X (2D NumPy array) – The original data matrix. Not used in this function.
distances (1D numpy array) – The condensed distance matrix
power (int, optional (default = np.inf)) – The power to use, may also be infinite.

Returns:

N by 1 numpy array containing the negative vertex eccentricity values scaled
to lie between 0 and 1.

biperscan.lenses.normalize(values: ndarray[float64]) → ndarray[float32]: Scales values to lie between 0 and 1.

Plot classes

class biperscan.plots.LinkageHierarchy(distances: ndarray[float32], point_lens_values: ndarray[float32], point_lens_grades: ndarray[uint32], col_to_edge: ndarray[uint32], row_to_point: ndarray[uint32], linkage_hierarchy: dict[str, ndarray])

A class for plotting and transforming linkage hierarchies.

as_networkx(): Returns the hierarchy as a networkx graph.

as_pandas(): Returns the hierarchy as a pandas DataFrame.

plot_network(*, layout: str | dict = 'sfdp', nodes: bool = True, edges: bool = True, labels: bool = True, node_kws: dict | None = None, line_kws: dict | None = None, font_kws: dict | None = None, hide_ticks: bool = True)

Plots the hierarchy as a network.

Parameters:

layout (str or dict) – The layout of the network. If a string, it should be one of “sfdp”, “neato”, “dot”, “spring”, or “spectral”. If a dictionary, it should be a mapping from node to position.
nodes (bool) – Whether to plot the nodes.
edges (bool) – Whether to plot the edges.
labels (bool) – Whether to plot the labels.
node_kws (dict, optional) – Additional keyword arguments for plotting the nodes.
line_kws (dict, optional) – Additional keyword arguments for plotting the edges.
font_kws (dict, optional) – Additional keyword arguments for plotting the labels.
hide_ticks (bool) – Whether to hide ticks.

plot_persistence_areas(*, view_type: str = 'grade', transposed: bool = False, labels: bool = True, offset_x: float = 0.02, offset_y: float = 0.0, node_kws: dict | None = None, line_kws: dict | None = None, text_kws: dict | None = None)

Plots the distance and lens grade (or values) of the hierarchy.

Parameters:

view_type (str) – The type of view to plot. Either “grade” or “value”.
transposed (bool) – Whether to transpose the plot.
labels (bool) – Whether to plot the labels.
offset_x (float) – The x offset for the labels.
offset_y (float) – The y offset for the labels.
node_kws (dict, optional) – Additional keyword arguments for plotting the nodes
line_kws (dict, optional) – Additional keyword arguments for plotting the lines.
text_kws (dict, optional) – Additional keyword arguments for plotting the labels.

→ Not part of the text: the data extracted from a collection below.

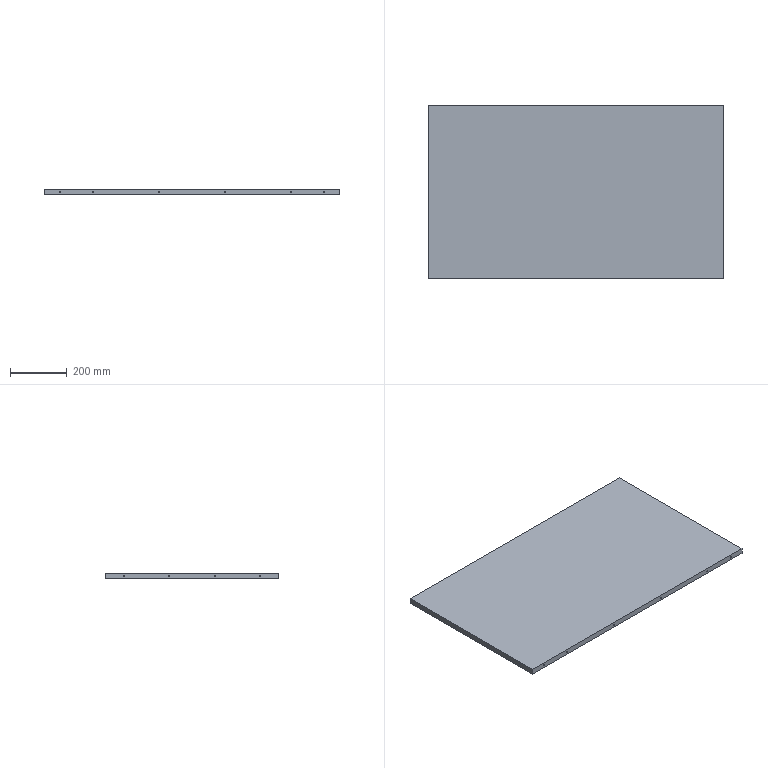Component | NX | TOP_COVER | 1 solid | 31 faces | volume 3416410 mm3 | cylinder 20 | plane 11 | commonest cylinder face diameters 4.5 x20
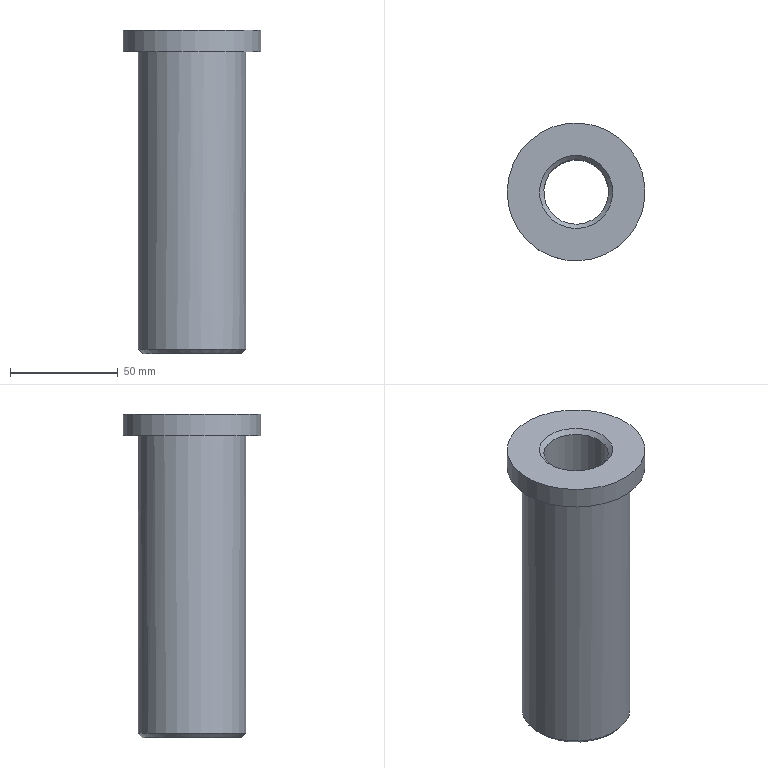Component | NX | PRESSURE_BUSHING | 1 solid | 9 faces | box 64 x 64 x 150 mm | volume 200331 mm3 | plane 3 | cylinder 3 | cone 3 | commonest cylinder face diameters 30 x1 64 x1 50 x1
STEP:
#1=CARTESIAN_POINT('',(0.,0.,0.));
#2=DIRECTION('',(0.,0.,1.));
#3=DIRECTION('',(1.,0.,0.));
#4=AXIS2_PLACEMENT_3D('',#1,#2,#3);
#5=CARTESIAN_POINT('',(-209.297,6.512,90.));
#6=VERTEX_POINT('',#5);
#7=CARTESIAN_POINT('',(-225.,0.,90.));
#8=DIRECTION('',(0.,0.,1.));
#9=DIRECTION('',(0.9237,0.383,0.));
#10=AXIS2_PLACEMENT_3D('',#7,#8,#9);
#11=CIRCLE('',#10,17.);
#12=CARTESIAN_POINT('',(-234.576,23.093,90.));
#13=DIRECTION('',(0.,0.,1.));
#14=DIRECTION('',(0.9237,0.383,0.));
#15=AXIS2_PLACEMENT_3D('',#12,#13,#14);
#16=PLANE('',#15);
#17=CARTESIAN_POINT('',(0.,-25.));
#18=DIRECTION('',(1.,0.));
#19=AXIS2_PLACEMENT_2D('',#17,#18);
#20=CIRCLE('',#19,17.);
#21=(GEOMETRIC_REPRESENTATION_CONTEXT(2)PARAMETRIC_REPRESENTATION_CONTEXT()REPRESENTATION_CONTEXT('',''));
#22=DEFINITIONAL_REPRESENTATION('',(#20),#21);
#23=PCURVE('',#16,#22);
#24=CARTESIAN_POINT('',(-225.,0.,92.));
#25=DIRECTION('',(0.,0.,-1.));
#26=DIRECTION('',(-0.9237,-0.383,0.));
#27=AXIS2_PLACEMENT_3D('',#24,#25,#26);
#28=CONICAL_SURFACE('',#27,15.,0.7854);
#29=CARTESIAN_POINT('',(9.425,2.));
#30=DIRECTION('',(-1.,0.));
#31=VECTOR('',#30,1.);
#32=LINE('',#29,#31);
#33=(GEOMETRIC_REPRESENTATION_CONTEXT(2)PARAMETRIC_REPRESENTATION_CONTEXT()REPRESENTATION_CONTEXT('',''));
#34=DEFINITIONAL_REPRESENTATION('',(#32),#33);
#35=PCURVE('',#28,#34);
#36=SURFACE_CURVE('',#11,(#23,#35),.PCURVE_S1.);
#37=EDGE_CURVE('',#6,#6,#36,.T.);
#38=ORIENTED_EDGE('',*,*,#37,.T.);
#39=EDGE_LOOP('',(#38));
#40=FACE_BOUND('',#39,.T.);
#41=CARTESIAN_POINT('',(-203.754,8.81,90.));
#42=VERTEX_POINT('',#41);
#43=CARTESIAN_POINT('',(-225.,0.,90.));
#44=DIRECTION('',(0.,0.,-1.));
#45=DIRECTION('',(0.9237,0.383,0.));
#46=AXIS2_PLACEMENT_3D('',#43,#44,#45);
#47=CIRCLE('',#46,23.);
#48=CARTESIAN_POINT('',(23.,-25.));
#49=CARTESIAN_POINT('',(23.,-64.837));
#50=CARTESIAN_POINT('',(-11.5,-44.919));
#51=CARTESIAN_POINT('',(-46.,-25.));
#52=CARTESIAN_POINT('',(-11.5,-5.081));
#53=CARTESIAN_POINT('',(23.,14.837));
#54=CARTESIAN_POINT('',(23.,-25.));
#55=(BOUNDED_CURVE()B_SPLINE_CURVE(2,(#48,#49,#50,#51,#52,#53,#54),.UNSPECIFIED.,.T.,.F.)B_SPLINE_CURVE_WITH_KNOTS((1,2,2,2,2,1),(-2.094,0.,2.094,4.189,6.283,8.378),.UNSPECIFIED.)CURVE()GEOMETRIC_REPRESENTATION_ITEM()RATIONAL_B_SPLINE_CURVE((1.,0.5,1.,0.5,1.,0.5,1.))REPRESENTATION_ITEM(''));
#56=(GEOMETRIC_REPRESENTATION_CONTEXT(2)PARAMETRIC_REPRESENTATION_CONTEXT()REPRESENTATION_CONTEXT('',''));
#57=DEFINITIONAL_REPRESENTATION('',(#55),#56);
#58=PCURVE('',#16,#57);
#59=CARTESIAN_POINT('',(-225.,0.,90.));
#60=DIRECTION('',(0.,0.,1.));
#61=DIRECTION('',(0.9237,0.383,0.));
#62=AXIS2_PLACEMENT_3D('',#59,#60,#61);
#63=CONICAL_SURFACE('',#62,23.,0.7854);
#64=CARTESIAN_POINT('',(6.283,-0.));
#65=DIRECTION('',(-1.,0.));
#66=VECTOR('',#65,1.);
#67=LINE('',#64,#66);
#68=(GEOMETRIC_REPRESENTATION_CONTEXT(2)PARAMETRIC_REPRESENTATION_CONTEXT()REPRESENTATION_CONTEXT('',''));
#69=DEFINITIONAL_REPRESENTATION('',(#67),#68);
#70=PCURVE('',#63,#69);
#71=SURFACE_CURVE('',#47,(#58,#70),.PCURVE_S1.);
#72=EDGE_CURVE('',#42,#42,#71,.T.);
#73=ORIENTED_EDGE('',*,*,#72,.T.);
#74=EDGE_LOOP('',(#73));
#75=FACE_BOUND('',#74,.T.);
#76=ADVANCED_FACE('',(#40,#75),#16,.F.);
#77=CARTESIAN_POINT('',(-238.856,-5.746,92.));
#78=VERTEX_POINT('',#77);
#79=CARTESIAN_POINT('',(-211.144,5.746,92.));
#80=VERTEX_POINT('',#79);
#81=CARTESIAN_POINT('',(-225.,0.,92.));
#82=DIRECTION('',(0.,0.,-1.));
#83=DIRECTION('',(0.9237,0.383,0.));
#84=AXIS2_PLACEMENT_3D('',#81,#82,#83);
#85=CIRCLE('',#84,15.);
#86=CARTESIAN_POINT('',(-225.,0.,230.));
#87=DIRECTION('',(0.,0.,-1.));
#88=DIRECTION('',(-0.9237,-0.383,0.));
#89=AXIS2_PLACEMENT_3D('',#86,#87,#88);
#90=CYLINDRICAL_SURFACE('',#89,15.);
#91=CARTESIAN_POINT('',(-3.142,138.));
#92=DIRECTION('',(1.,0.));
#93=VECTOR('',#92,1.);
#94=LINE('',#91,#93);
#95=(GEOMETRIC_REPRESENTATION_CONTEXT(2)PARAMETRIC_REPRESENTATION_CONTEXT()REPRESENTATION_CONTEXT('',''));
#96=DEFINITIONAL_REPRESENTATION('',(#94),#95);
#97=PCURVE('',#90,#96);
#98=CARTESIAN_POINT('',(3.142,0.));
#99=DIRECTION('',(1.,0.));
#100=VECTOR('',#99,1.);
#101=LINE('',#98,#100);
#102=(GEOMETRIC_REPRESENTATION_CONTEXT(2)PARAMETRIC_REPRESENTATION_CONTEXT()REPRESENTATION_CONTEXT('',''));
#103=DEFINITIONAL_REPRESENTATION('',(#101),#102);
#104=PCURVE('',#28,#103);
#105=SURFACE_CURVE('',#85,(#97,#104),.PCURVE_S1.);
#106=EDGE_CURVE('',#78,#80,#105,.T.);
#107=ORIENTED_EDGE('',*,*,#106,.F.);
#108=CARTESIAN_POINT('',(-238.856,-5.746,238.));
#109=VERTEX_POINT('',#108);
#110=CARTESIAN_POINT('',(-238.856,-5.746,238.));
#111=CARTESIAN_POINT('',(-238.856,-5.746,92.));
#112=B_SPLINE_CURVE_WITH_KNOTS('',1,(#110,#111),.UNSPECIFIED.,.F.,.F.,(2,2),(-8.,138.),.PIECEWISE_BEZIER_KNOTS.);
#113=CARTESIAN_POINT('',(0.,0.));
#114=DIRECTION('',(0.,1.));
#115=VECTOR('',#114,1.);
#116=LINE('',#113,#115);
#117=(GEOMETRIC_REPRESENTATION_CONTEXT(2)PARAMETRIC_REPRESENTATION_CONTEXT()REPRESENTATION_CONTEXT('',''));
#118=DEFINITIONAL_REPRESENTATION('',(#116),#117);
#119=PCURVE('',#90,#118);
#120=CARTESIAN_POINT('',(6.283,0.));
#121=DIRECTION('',(0.,1.));
#122=VECTOR('',#121,1.);
#123=LINE('',#120,#122);
#124=(GEOMETRIC_REPRESENTATION_CONTEXT(2)PARAMETRIC_REPRESENTATION_CONTEXT()REPRESENTATION_CONTEXT('',''));
#125=DEFINITIONAL_REPRESENTATION('',(#123),#124);
#126=PCURVE('',#90,#125);
#127=SEAM_CURVE('',#112,(#119,#126),.PCURVE_S1.);
#128=EDGE_CURVE('',#109,#78,#127,.T.);
#129=ORIENTED_EDGE('',*,*,#128,.F.);
#130=CARTESIAN_POINT('',(-225.,0.,238.));
#131=DIRECTION('',(0.,0.,1.));
#132=DIRECTION('',(-0.9237,-0.383,0.));
#133=AXIS2_PLACEMENT_3D('',#130,#131,#132);
#134=CIRCLE('',#133,15.);
#135=CARTESIAN_POINT('',(6.283,-8.));
#136=DIRECTION('',(-1.,0.));
#137=VECTOR('',#136,1.);
#138=LINE('',#135,#137);
#139=(GEOMETRIC_REPRESENTATION_CONTEXT(2)PARAMETRIC_REPRESENTATION_CONTEXT()REPRESENTATION_CONTEXT('',''));
#140=DEFINITIONAL_REPRESENTATION('',(#138),#139);
#141=PCURVE('',#90,#140);
#142=CARTESIAN_POINT('',(-225.,0.,240.));
#143=DIRECTION('',(0.,0.,1.));
#144=DIRECTION('',(0.9237,0.383,0.));
#145=AXIS2_PLACEMENT_3D('',#142,#143,#144);
#146=CONICAL_SURFACE('',#145,17.,0.7854);
#147=CARTESIAN_POINT('',(3.142,-2.));
#148=DIRECTION('',(1.,0.));
#149=VECTOR('',#148,1.);
#150=LINE('',#147,#149);
#151=(GEOMETRIC_REPRESENTATION_CONTEXT(2)PARAMETRIC_REPRESENTATION_CONTEXT()REPRESENTATION_CONTEXT('',''));
#152=DEFINITIONAL_REPRESENTATION('',(#150),#151);
#153=PCURVE('',#146,#152);
#154=SURFACE_CURVE('',#134,(#141,#153),.PCURVE_S1.);
#155=EDGE_CURVE('',#109,#109,#154,.T.);
#156=ORIENTED_EDGE('',*,*,#155,.F.);
#157=ORIENTED_EDGE('',*,*,#128,.T.);
#158=CARTESIAN_POINT('',(-225.,0.,92.));
#159=DIRECTION('',(0.,0.,-1.));
#160=DIRECTION('',(0.9237,0.383,0.));
#161=AXIS2_PLACEMENT_3D('',#158,#159,#160);
#162=CIRCLE('',#161,15.);
#163=CARTESIAN_POINT('',(3.142,138.));
#164=DIRECTION('',(1.,0.));
#165=VECTOR('',#164,1.);
#166=LINE('',#163,#165);
#167=(GEOMETRIC_REPRESENTATION_CONTEXT(2)PARAMETRIC_REPRESENTATION_CONTEXT()REPRESENTATION_CONTEXT('',''));
#168=DEFINITIONAL_REPRESENTATION('',(#166),#167);
#169=PCURVE('',#90,#168);
#170=CARTESIAN_POINT('',(3.142,0.));
#171=DIRECTION('',(1.,0.));
#172=VECTOR('',#171,1.);
#173=LINE('',#170,#172);
#174=(GEOMETRIC_REPRESENTATION_CONTEXT(2)PARAMETRIC_REPRESENTATION_CONTEXT()REPRESENTATION_CONTEXT('',''));
#175=DEFINITIONAL_REPRESENTATION('',(#173),#174);
#176=PCURVE('',#28,#175);
#177=SURFACE_CURVE('',#162,(#169,#176),.PCURVE_S1.);
#178=EDGE_CURVE('',#80,#78,#177,.T.);
#179=ORIENTED_EDGE('',*,*,#178,.F.);
#180=EDGE_LOOP('',(#107,#129,#156,#157,#179));
#181=FACE_BOUND('',#180,.F.);
#182=ADVANCED_FACE('',(#181),#90,.F.);
#183=CARTESIAN_POINT('',(-240.703,-6.512,240.));
#184=VERTEX_POINT('',#183);
#185=CARTESIAN_POINT('',(-225.,0.,240.));
#186=DIRECTION('',(0.,0.,-1.));
#187=DIRECTION('',(-0.9237,-0.383,0.));
#188=AXIS2_PLACEMENT_3D('',#185,#186,#187);
#189=CIRCLE('',#188,17.);
#190=CARTESIAN_POINT('',(-230.746,13.856,240.));
#191=DIRECTION('',(0.,0.,-1.));
#192=DIRECTION('',(-0.9237,-0.383,0.));
#193=AXIS2_PLACEMENT_3D('',#190,#191,#192);
#194=PLANE('',#193);
#195=CARTESIAN_POINT('',(-0.,-15.));
#196=DIRECTION('',(1.,-0.));
#197=AXIS2_PLACEMENT_2D('',#195,#196);
#198=CIRCLE('',#197,17.);
#199=(GEOMETRIC_REPRESENTATION_CONTEXT(2)PARAMETRIC_REPRESENTATION_CONTEXT()REPRESENTATION_CONTEXT('',''));
#200=DEFINITIONAL_REPRESENTATION('',(#198),#199);
#201=PCURVE('',#194,#200);
#202=CARTESIAN_POINT('',(9.425,0.));
#203=DIRECTION('',(-1.,0.));
#204=VECTOR('',#203,1.);
#205=LINE('',#202,#204);
#206=(GEOMETRIC_REPRESENTATION_CONTEXT(2)PARAMETRIC_REPRESENTATION_CONTEXT()REPRESENTATION_CONTEXT('',''));
#207=DEFINITIONAL_REPRESENTATION('',(#205),#206);
#208=PCURVE('',#146,#207);
#209=SURFACE_CURVE('',#189,(#201,#208),.PCURVE_S1.);
#210=EDGE_CURVE('',#184,#184,#209,.T.);
#211=ORIENTED_EDGE('',*,*,#210,.T.);
#212=EDGE_LOOP('',(#211));
#213=FACE_BOUND('',#212,.T.);
#214=CARTESIAN_POINT('',(-254.559,-12.258,240.));
#215=VERTEX_POINT('',#214);
#216=CARTESIAN_POINT('',(-225.,0.,240.));
#217=DIRECTION('',(0.,0.,-1.));
#218=DIRECTION('',(-0.9237,-0.383,0.));
#219=AXIS2_PLACEMENT_3D('',#216,#217,#218);
#220=CIRCLE('',#219,32.);
#221=CARTESIAN_POINT('',(-0.,-15.));
#222=DIRECTION('',(1.,0.));
#223=AXIS2_PLACEMENT_2D('',#221,#222);
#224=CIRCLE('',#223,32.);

class biperscan.plots.MinimalPresentation(distances: ndarray[float32], point_lens_values: ndarray[float32], point_lens_grades: ndarray[uint32], col_to_edge: ndarray[uint32], row_to_point: ndarray[uint32], minpres: dict[str, ndarray])

A class for plotting and transforming minimal presentations.

as_networkx(): Returns the minimal presentation as a networkx graph.

as_pandas(): Returns the minimal presentation as a pandas DataFrame.

plot_network(*, layout: str | dict = 'sfdp', nodes: bool = True, edges: bool = True, labels: bool = True, node_kws: dict | None = None, line_kws: dict | None = None, font_kws: dict | None = None, hide_ticks: bool = True)

Plots the hierarchy as a network.

Parameters:

layout (str or dict) – The layout of the network. If a string, it should be one of “sfdp”, “neato”, “dot”, “spring”, or “spectral”. If a dictionary, it should be a mapping from node to position.
nodes (bool) – Whether to plot the nodes.
edges (bool) – Whether to plot the edges.
labels (bool) – Whether to plot the labels.
node_kws (dict, optional) – Additional keyword arguments for plotting the nodes.
line_kws (dict, optional) – Additional keyword arguments for plotting the edges.
font_kws (dict, optional) – Additional keyword arguments for plotting the labels.
hide_ticks (bool) – Whether to hide ticks.

plot_persistence_areas(*, view_type: str = 'grade', transposed: bool = False, line_kws: dict | None = None)

Plots the distance and lens grade (or values) of the minimal presentation.

Parameters:

view_type (str) – The type of view to plot. Either “grade” or “value”.
transposed (bool) – Whether to transpose the plot.
line_kws (dict, optional) – Additional keyword arguments for plotting the lines.